Como se dá o início do desenvolvimento da fala?
Existem algumas habilidades que precedem a fala, as quais são importantes observar no desenvolvimento da criança, como: ouvir, imitar, olhar e prestar atenção.

Desde o nascimento, as crianças se comunicam por meio do olhar e do choro e são capazes de discriminar vozes pela entonação. Iniciam suas vocalizações, já nos primeiros meses, quando balbuciam interagindo com algum adulto.

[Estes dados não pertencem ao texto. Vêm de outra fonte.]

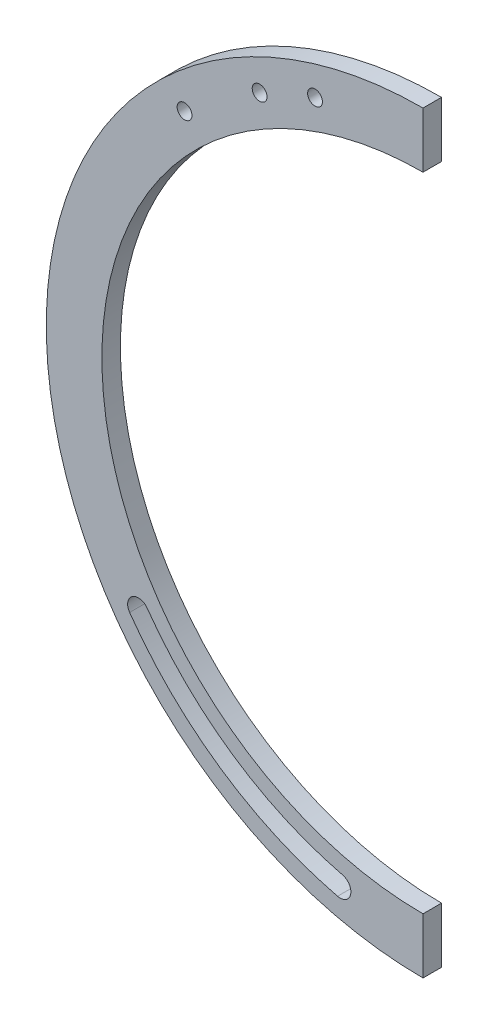
from build123d import *

# Parameters (mm, degrees)
SKETCH1_R               = 203.294925519
SKETCH1_R_2             = 173.294925519
BOSS_EXTRUDE1_DEPTH     = 10
CUT_EXTRUDE1_START      = -185
CUT_EXTRUDE1_DEPTH      = 185
CUT_EXTRUDE2_DEPTH      = 185
CUT_EXTRUDE3_DEPTH      = 484.877792972
CUT_EXTRUDE3_DEPTH_BACK = 484.877792972
SKETCH4_R               = 4


with BuildPart() as part:
    # Sketch1 → Boss-Extrude1 (new body)
    with BuildSketch(Plane.XY):
        with Locations((291.585214163, 182.730697222)):
            Circle(SKETCH1_R)
        with Locations((291.585214163, 182.730697222)):
            Circle(SKETCH1_R_2, mode=Mode.SUBTRACT)
    extrude(amount=-BOSS_EXTRUDE1_DEPTH)

    # Sketch2 → Cut-Extrude1 (cut)
    with BuildSketch(Plane(origin=(0, 0, -10), x_dir=(-1, 0, 0), z_dir=(0, 0, -1)).offset(CUT_EXTRUDE1_START)):
        with BuildLine():
            Line((-291.585214163, 9.435771703), (-291.585214163, -33.905509081))
            ThreePointArc((-291.585214163, -33.905509081), (-508.221420466, 182.730697222), (-291.585214163, 399.366903525))
            Line((-291.585214163, 399.366903525), (-291.585214163, 356.025622742))
            ThreePointArc((-291.585214163, 356.025622742), (-464.880139683, 182.730697222), (-291.585214163, 9.435771703))
        make_face()
    extrude(amount=CUT_EXTRUDE1_DEPTH, mode=Mode.SUBTRACT)

    # Sketch3 → Cut-Extrude2 (cut)
    with BuildSketch(Plane(origin=(0, 0, -10), x_dir=(-1, 0, 0), z_dir=(0, 0, -1))):
        with BuildLine():
            ThreePointArc((-245.463287057, -5.419646314), (-182.427275621, 22.692175653), (-133.247878722, 71.11944269))
            ThreePointArc((-133.247878722, 71.11944269), (-134.651744503, 79.229936459), (-142.762238272, 77.826070678))
            ThreePointArc((-142.762238272, 77.826070678), (-188.98648588, 32.30875807), (-248.234715516, 5.886152238))
            ThreePointArc((-248.234715516, 5.886152238), (-252.501900562, -1.152461267), (-245.463287057, -5.419646314))
        make_face()
    extrude(amount=-CUT_EXTRUDE2_DEPTH, mode=Mode.SUBTRACT)

    # Sketch4 → Cut-Extrude3 (cut, two sides: drawn at the far end of the back side and taken through both)
    with BuildSketch(Plane(origin=(0, 0, -10), x_dir=(-1, 0, 0), z_dir=(0, 0, -1)).offset(-CUT_EXTRUDE3_DEPTH_BACK)):
        with Locations((-203.411601384, 349.104953001)):
            Circle(SKETCH4_R)
        with Locations((-233.317748738, 361.783430933)):
            Circle(SKETCH4_R)
        with Locations((-162.898022452, 320.188274917)):
            Circle(SKETCH4_R)
    extrude(amount=CUT_EXTRUDE3_DEPTH + CUT_EXTRUDE3_DEPTH_BACK, mode=Mode.SUBTRACT)


solid = part.part

Próximo dos quatro meses, já devem ser capazes de vocalizar sons consonantais e produzir algumas sílabas, sem intenção de comunicação. Quando chegam no primeiro ano de vida, descobrem a sua própria voz e assim vão adquirindo cada vez mais sons, até chegar em suas primeiras palavras: “mama”, “papa”, “tete”, “não”, sendo estas já com intenção de comunicar-se.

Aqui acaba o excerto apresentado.